On 3 July, unknown gunmen opened fire on a pro-Morsi rally in Cairo, killing 16 and wounding 200. As the 16:35 deadline set by the army approached, military leaders met for emergency talks with the army expected to issue a statement when the deadline passes. Mohamed El-Baradei, who was chosen to represent the National Salvation Front, was also said to have met army chief General Abdul Fatah al-Sisi. On 3 July, just before the deadline approached, Morsi offered to form a consensus government. An army statement read: "The General Command of the Armed Forces is currently meeting with a number of religious, national, political and youth icons...There will be a statement issued from the General Command as soon as they are done." At the same time the Freedom and Justice Party's senior leader, Waleed al-Haddad, said: "We do not go to invitations (meetings) with anyone. We have a president and that's it."

The head of the Egyptian Armed Forces and Defense Minister Abdul Fatah al-Sisi spoke at night from Cairo and said that the army was standing apart from the political process but was using its vision as the Egyptian people were calling for help and discharged its responsibility. Morsi was removed from power, the draft constitution was suspended and Chief Justice Adli Mansour was named interim president.

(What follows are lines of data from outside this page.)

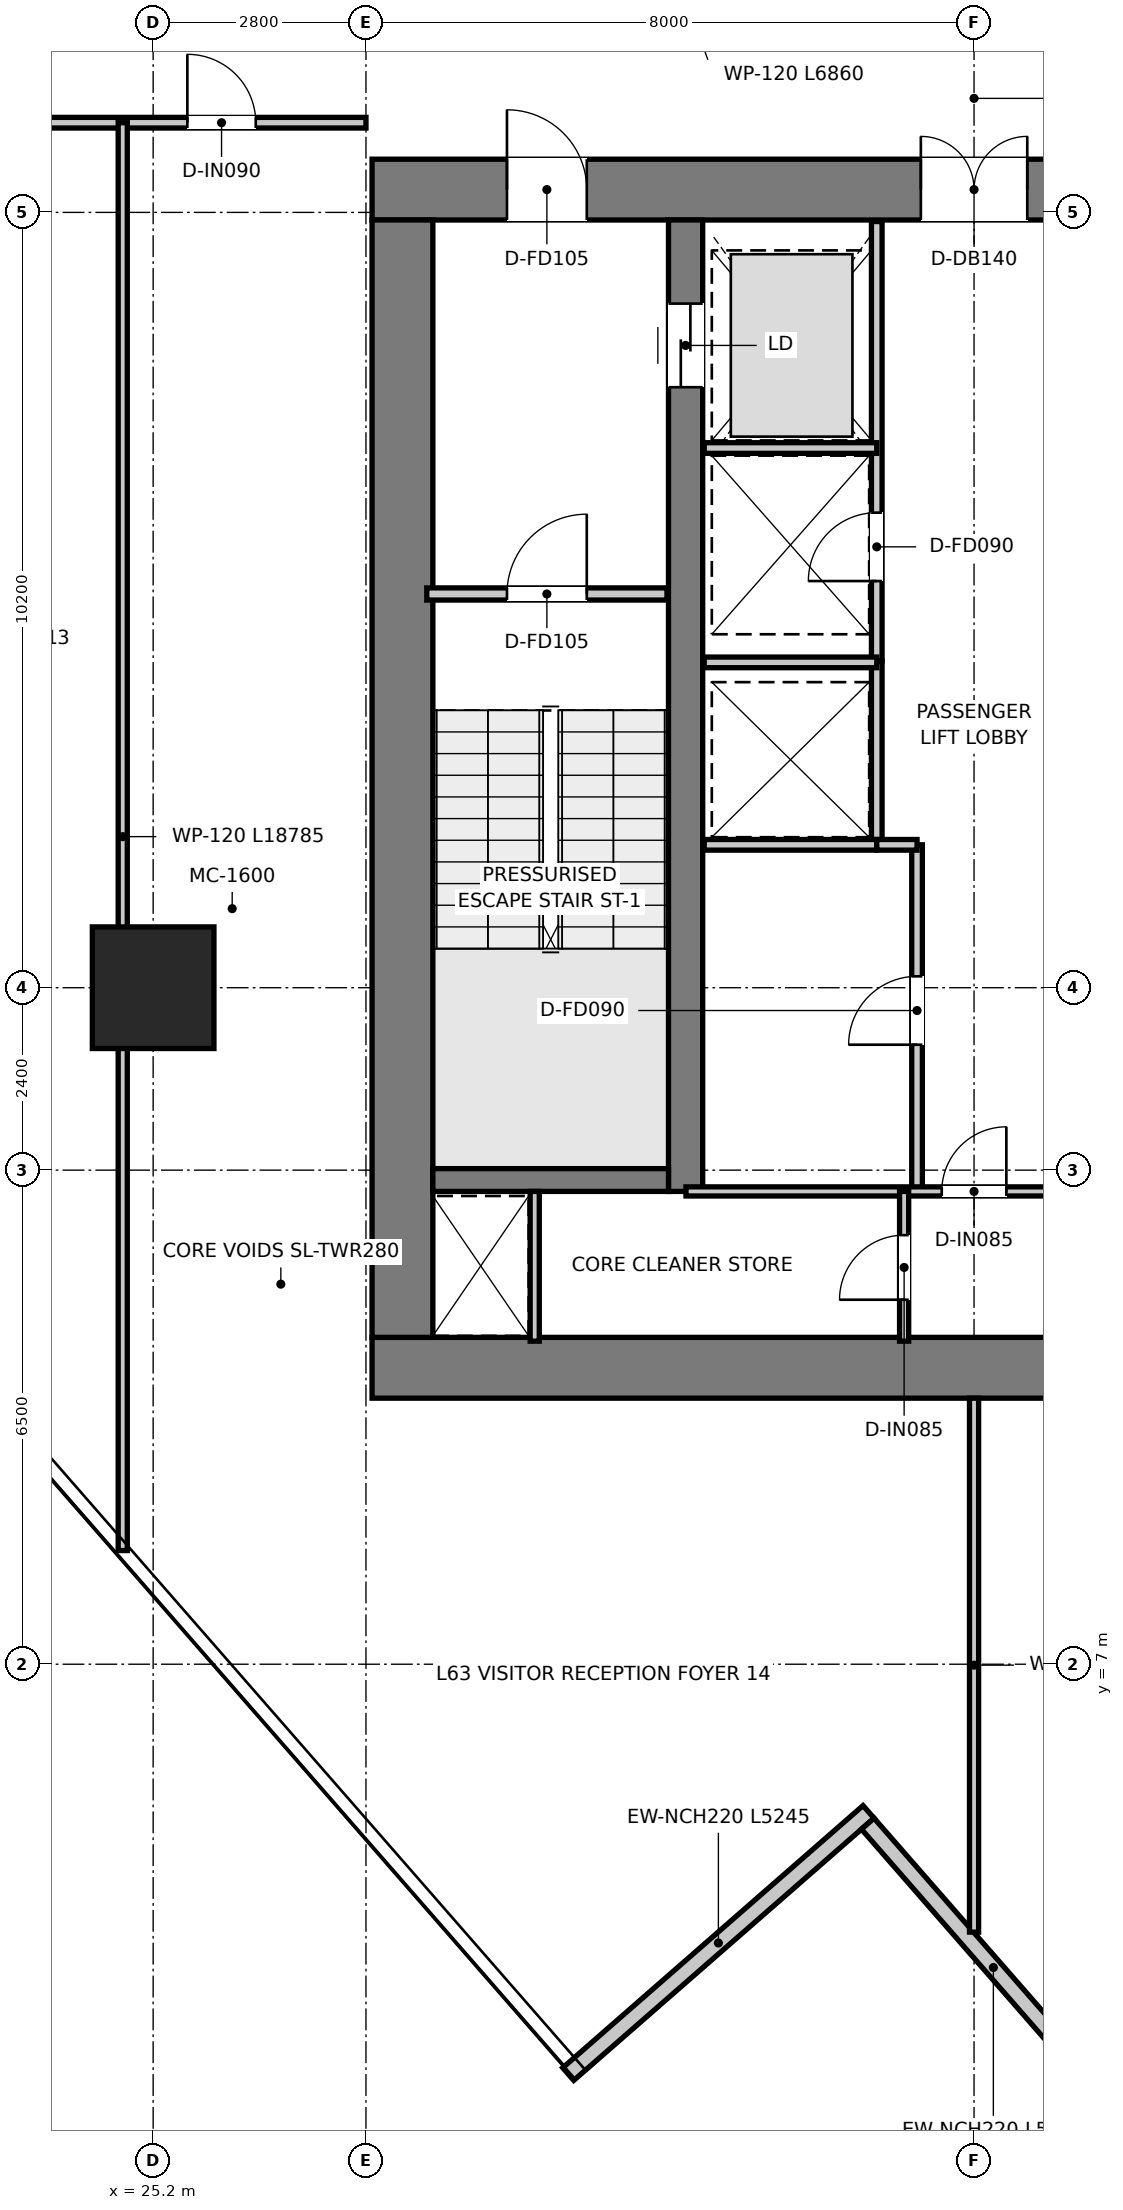
"""IFC4 building model, lengths in metres.
Left out: names, types, materials, properties, quantities, classifications, styles, units other than length and angle.
Written with IfcOpenShell. Run it as: python <this file> out.ifc"""

import sys

from ifc_helpers import new_model, si_unit, direction, frame, frame_2d, origin, origin_2d, place, context, subcontext, project, spatial, rectangle, extrude, source, transform, mapped, element, fill, save


model = new_model("IFC4")
c1 = context("Model", 3, precision=1e-05, world=origin(), true_north=direction((0.0, 1.0)))
c2 = subcontext(c1, "Body", "Model", "MODEL_VIEW")
j1 = project(units=[si_unit("LENGTHUNIT", "METRE"), si_unit("PLANEANGLEUNIT", "RADIAN")], contexts=[c1])
p1 = place(None, origin())
s1 = spatial("IfcSite", under=j1, at=p1, CompositionType="ELEMENT")
p2 = place(p1, origin())
s2 = spatial("IfcBuilding", under=s1, at=p2, CompositionType="ELEMENT")
p3 = place(p2, frame((0.0, 0.0, 258.65)))
s3 = spatial("IfcBuildingStorey", under=s2, at=p3, CompositionType="ELEMENT", Elevation=258.65)
p4 = place(p3, frame((28.08, 10.9, 0.0), z_axis=(0.0, 0.0, 1.0), x_axis=(1.0, 0.0, 0.0)))
e1 = element("IfcWall", 1, at=p4, inside=s3, PredefinedType="SHEAR", context=c2, shape_type="SweptSolid", body=[
    extrude(rectangle(XDim=15.84, YDim=0.8, at=frame_2d((7.92, 0.0))), origin(), (0.0, 0.0, 1.0), 3.95),
])
p5 = place(p3, frame((28.08, 26.4, 0.0), z_axis=(0.0, 0.0, 1.0), x_axis=(1.0, 0.0, 0.0)))
e2 = element("IfcWall", 2, at=p5, inside=s3, PredefinedType="SHEAR", context=c2, shape_type="SweptSolid", body=[
    extrude(rectangle(XDim=15.84, YDim=0.8, at=frame_2d((7.92, 0.0))), origin(), (0.0, 0.0, 1.0), 3.95),
])
p6 = place(p5, frame((7.22, 0.0, 0.0)))
e3 = element("IfcOpeningElement", 3, at=p6, cuts=e2, PredefinedType="OPENING", context=c2, shape_type="SweptSolid", body=[
    extrude(rectangle(XDim=1.4, YDim=2.2, at=frame_2d((0.7, 1.1))), frame((0.0, 0.41, 0.0), z_axis=(0.0, -1.0, 0.0), x_axis=(1.0, 0.0, 0.0)), (0.0, 0.0, 1.0), 0.82),
])
p7 = place(p5, frame((1.775, 0.0, 0.0)))
e4 = element("IfcOpeningElement", 4, at=p7, cuts=e2, PredefinedType="OPENING", context=c2, shape_type="SweptSolid", body=[
    extrude(rectangle(XDim=1.05, YDim=2.1, at=frame_2d((0.525, 1.05))), frame((0.0, 0.41, 0.0), z_axis=(0.0, -1.0, 0.0), x_axis=(1.0, 0.0, 0.0)), (0.0, 0.0, 1.0), 0.82),
])
p8 = place(p5, frame((13.015, 0.0, 0.0)))
e5 = element("IfcOpeningElement", 5, at=p8, cuts=e2, PredefinedType="OPENING", context=c2, shape_type="SweptSolid", body=[
    extrude(rectangle(XDim=1.05, YDim=2.1, at=frame_2d((0.525, 1.05))), frame((0.0, 0.41, 0.0), z_axis=(0.0, -1.0, 0.0), x_axis=(1.0, 0.0, 0.0)), (0.0, 0.0, 1.0), 0.82),
])
p9 = place(p3, frame((28.48, 11.3, 0.0), z_axis=(0.0, 0.0, 1.0), x_axis=(0.0, 1.0, 0.0)))
e6 = element("IfcWall", 6, at=p9, inside=s3, PredefinedType="SHEAR", context=c2, shape_type="SweptSolid", body=[
    extrude(rectangle(XDim=14.7, YDim=0.8, at=frame_2d((7.35, 0.0))), origin(), (0.0, 0.0, 1.0), 3.95),
])
p10 = place(p3, frame((32.205, 13.22, 0.0), z_axis=(0.0, 0.0, 1.0), x_axis=(0.0, 1.0, 0.0)))
e7 = element("IfcWall", 7, at=p10, inside=s3, PredefinedType="SHEAR", context=c2, shape_type="SweptSolid", body=[
    extrude(rectangle(XDim=12.78, YDim=0.45, at=frame_2d((6.39, 0.0))), origin(), (0.0, 0.0, 1.0), 3.95),
])
p11 = place(p10, frame((10.58, 0.0, 0.0)))
e8 = element("IfcOpeningElement", 8, at=p11, cuts=e7, PredefinedType="OPENING", context=c2, shape_type="SweptSolid", body=[
    extrude(rectangle(XDim=1.1, YDim=2.15, at=frame_2d((0.55, 1.075))), frame((0.0, 0.235, 0.0), z_axis=(0.0, -1.0, 0.0), x_axis=(1.0, 0.0, 0.0)), (0.0, 0.0, 1.0), 0.47),
])
p12 = place(p3, frame((28.88, 13.37, 0.0), z_axis=(0.0, 0.0, 1.0), x_axis=(1.0, 0.0, 0.0)))
e9 = element("IfcWall", 9, at=p12, inside=s3, PredefinedType="SHEAR", context=c2, shape_type="SweptSolid", body=[
    extrude(rectangle(XDim=3.1, YDim=0.3, at=frame_2d((1.55, 0.0))), origin(), (0.0, 0.0, 1.0), 3.95),
])
m1 = source(origin(), c2, "Body", "SweptSolid", [
    extrude(rectangle(XDim=1.6, YDim=1.6, at=origin_2d()), origin(), (0.0, 0.0, 1.0), 3.95),
])
p13 = place(p3, frame((25.2, 15.9, 0.0), z_axis=(0.0, 0.0, 1.0), x_axis=(1.0, 0.0, 0.0)))
e10 = element("IfcColumn", 10, at=p13, inside=s3, PredefinedType="USERDEFINED", context=c2, shape_type="MappedRepresentation", body=[
    mapped(m1, transform((0.0, 0.0, 0.0), x_axis=(1.0, 0.0, 0.0), y_axis=(0.0, 1.0, 0.0), z_axis=(0.0, 0.0, 1.0), scale=1.0)),
])
p14 = place(p3, frame((30.661, 1.608, 0.0), z_axis=(0.0, 0.0, 1.0), x_axis=(0.7532711863, 0.657710057617, 0.0)))
e11 = element("IfcWall", 11, at=p14, inside=s3, PredefinedType="ELEMENTEDWALL", context=c2, shape_type="SweptSolid", body=[
    extrude(rectangle(XDim=5.245, YDim=0.22, at=frame_2d((2.623, 0.0))), origin(), (0.0, 0.0, 1.0), 3.6),
])
p15 = place(p3, frame((34.602, 4.902, 0.0), z_axis=(0.0, 0.0, 1.0), x_axis=(0.657706226339, -0.753274531518, 0.0)))
e12 = element("IfcWall", 12, at=p15, inside=s3, PredefinedType="ELEMENTEDWALL", context=c2, shape_type="SweptSolid", body=[
    extrude(rectangle(XDim=5.025, YDim=0.22, at=frame_2d((2.512, 0.0))), origin(), (0.0, 0.0, 1.0), 3.6),
])
p16 = place(p3, frame((28.8, 21.08, 0.0), z_axis=(0.0, 0.0, 1.0), x_axis=(1.0, 0.0, 0.0)))
e13 = element("IfcWall", 13, at=p16, inside=s3, PredefinedType="PARTITIONING", context=c2, shape_type="SweptSolid", body=[
    extrude(rectangle(XDim=3.16, YDim=0.16, at=frame_2d((1.58, 0.0))), origin(), (0.0, 0.0, 1.0), 3.6),
])
p17 = place(p16, frame((1.055, 0.0, 0.0)))
e14 = element("IfcOpeningElement", 14, at=p17, cuts=e13, PredefinedType="OPENING", context=c2, shape_type="SweptSolid", body=[
    extrude(rectangle(XDim=1.05, YDim=2.1, at=frame_2d((0.525, 1.05))), frame((0.0, 0.09, 0.0), z_axis=(0.0, -1.0, 0.0), x_axis=(1.0, 0.0, 0.0)), (0.0, 0.0, 1.0), 0.18),
])
p18 = place(p3, frame((34.72, 20.2, 0.0), z_axis=(0.0, 0.0, 1.0), x_axis=(0.0, 1.0, 0.0)))
e15 = element("IfcWall", 15, at=p18, inside=s3, PredefinedType="PARTITIONING", context=c2, shape_type="SweptSolid", body=[
    extrude(rectangle(XDim=5.78, YDim=0.14, at=frame_2d((2.89, 0.0))), origin(), (0.0, 0.0, 1.0), 2.75),
])
p19 = place(p18, frame((1.05, 0.0, 0.0)))
e16 = element("IfcOpeningElement", 16, at=p19, cuts=e15, PredefinedType="OPENING", context=c2, shape_type="SweptSolid", body=[
    extrude(rectangle(XDim=0.9, YDim=2.1, at=frame_2d((0.45, 1.05))), frame((0.0, 0.08, 0.0), z_axis=(0.0, -1.0, 0.0), x_axis=(1.0, 0.0, 0.0)), (0.0, 0.0, 1.0), 0.16),
])
p20 = place(p3, frame((32.45, 23.0, 0.0), z_axis=(0.0, 0.0, 1.0), x_axis=(1.0, 0.0, 0.0)))
e17 = element("IfcWall", 17, at=p20, inside=s3, PredefinedType="PARTITIONING", context=c2, shape_type="SweptSolid", body=[
    extrude(rectangle(XDim=2.27, YDim=0.14, at=frame_2d((1.135, 0.0))), origin(), (0.0, 0.0, 1.0), 2.75),
])
p21 = place(p3, frame((34.72, 17.78, 0.0), z_axis=(0.0, 0.0, 1.0), x_axis=(0.0, 1.0, 0.0)))
e18 = element("IfcWall", 18, at=p21, inside=s3, PredefinedType="PARTITIONING", context=c2, shape_type="SweptSolid", body=[
    extrude(rectangle(XDim=2.42, YDim=0.14, at=frame_2d((1.21, 0.0))), origin(), (0.0, 0.0, 1.0), 3.6),
])
for number, where, z_axis, x_axis in (
    (19, (32.45, 17.78, 0.0), (0.0, 0.0, 1.0), (1.0, 0.0, 0.0)),
    (20, (32.45, 20.18, 0.0), (0.0, 0.0, 1.0), (1.0, 0.0, 0.0)),
):
    element("IfcWall", number, at=place(p3, frame(where, z_axis=z_axis, x_axis=x_axis)), inside=s3, PredefinedType="PARTITIONING", context=c2, shape_type="SweptSolid", body=[
        extrude(rectangle(XDim=2.27, YDim=0.14, at=frame_2d((1.135, 0.0))), origin(), (0.0, 0.0, 1.0), 3.6),
    ])
p22 = place(p3, frame((35.25, 13.22, 0.0), z_axis=(0.0, 0.0, 1.0), x_axis=(0.0, 1.0, 0.0)))
e21 = element("IfcWall", 21, at=p22, inside=s3, PredefinedType="PARTITIONING", context=c2, shape_type="SweptSolid", body=[
    extrude(rectangle(XDim=4.56, YDim=0.14, at=frame_2d((2.28, 0.0))), origin(), (0.0, 0.0, 1.0), 3.6),
])
p23 = place(p22, frame((1.93, 0.0, 0.0)))
e22 = element("IfcOpeningElement", 22, at=p23, cuts=e21, PredefinedType="OPENING", context=c2, shape_type="SweptSolid", body=[
    extrude(rectangle(XDim=0.9, YDim=2.1, at=frame_2d((0.45, 1.05))), frame((0.0, 0.08, 0.0), z_axis=(0.0, -1.0, 0.0), x_axis=(1.0, 0.0, 0.0)), (0.0, 0.0, 1.0), 0.16),
])
p24 = place(p3, frame((34.72, 17.78, 0.0), z_axis=(0.0, 0.0, 1.0), x_axis=(1.0, 0.0, 0.0)))
e23 = element("IfcWall", 23, at=p24, inside=s3, PredefinedType="PARTITIONING", context=c2, shape_type="SweptSolid", body=[
    extrude(rectangle(XDim=0.53, YDim=0.14, at=frame_2d((0.265, 0.0))), origin(), (0.0, 0.0, 1.0), 3.6),
])
p25 = place(p3, frame((30.22, 11.25, 0.0), z_axis=(0.0, 0.0, 1.0), x_axis=(0.0, 1.0, 0.0)))
e24 = element("IfcWall", 24, at=p25, inside=s3, PredefinedType="PARTITIONING", context=c2, shape_type="SweptSolid", body=[
    extrude(rectangle(XDim=1.97, YDim=0.12, at=frame_2d((0.985, 0.0))), origin(), (0.0, 0.0, 1.0), 3.6),
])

Mohammed el-Baradei says the roadmap was to rectify the issues of the revolution. The Grand Sheikh of Al Azhar Ahmed el-Tayeb, the Coptic Pope Tawadros II as well as opposition leader Mohamed El Baradei and a youth member of the Tamarod movement, who were present during the statement, spoke in support of the 3 July coup. The move led to continuous civil unrest in Egypt until the present day.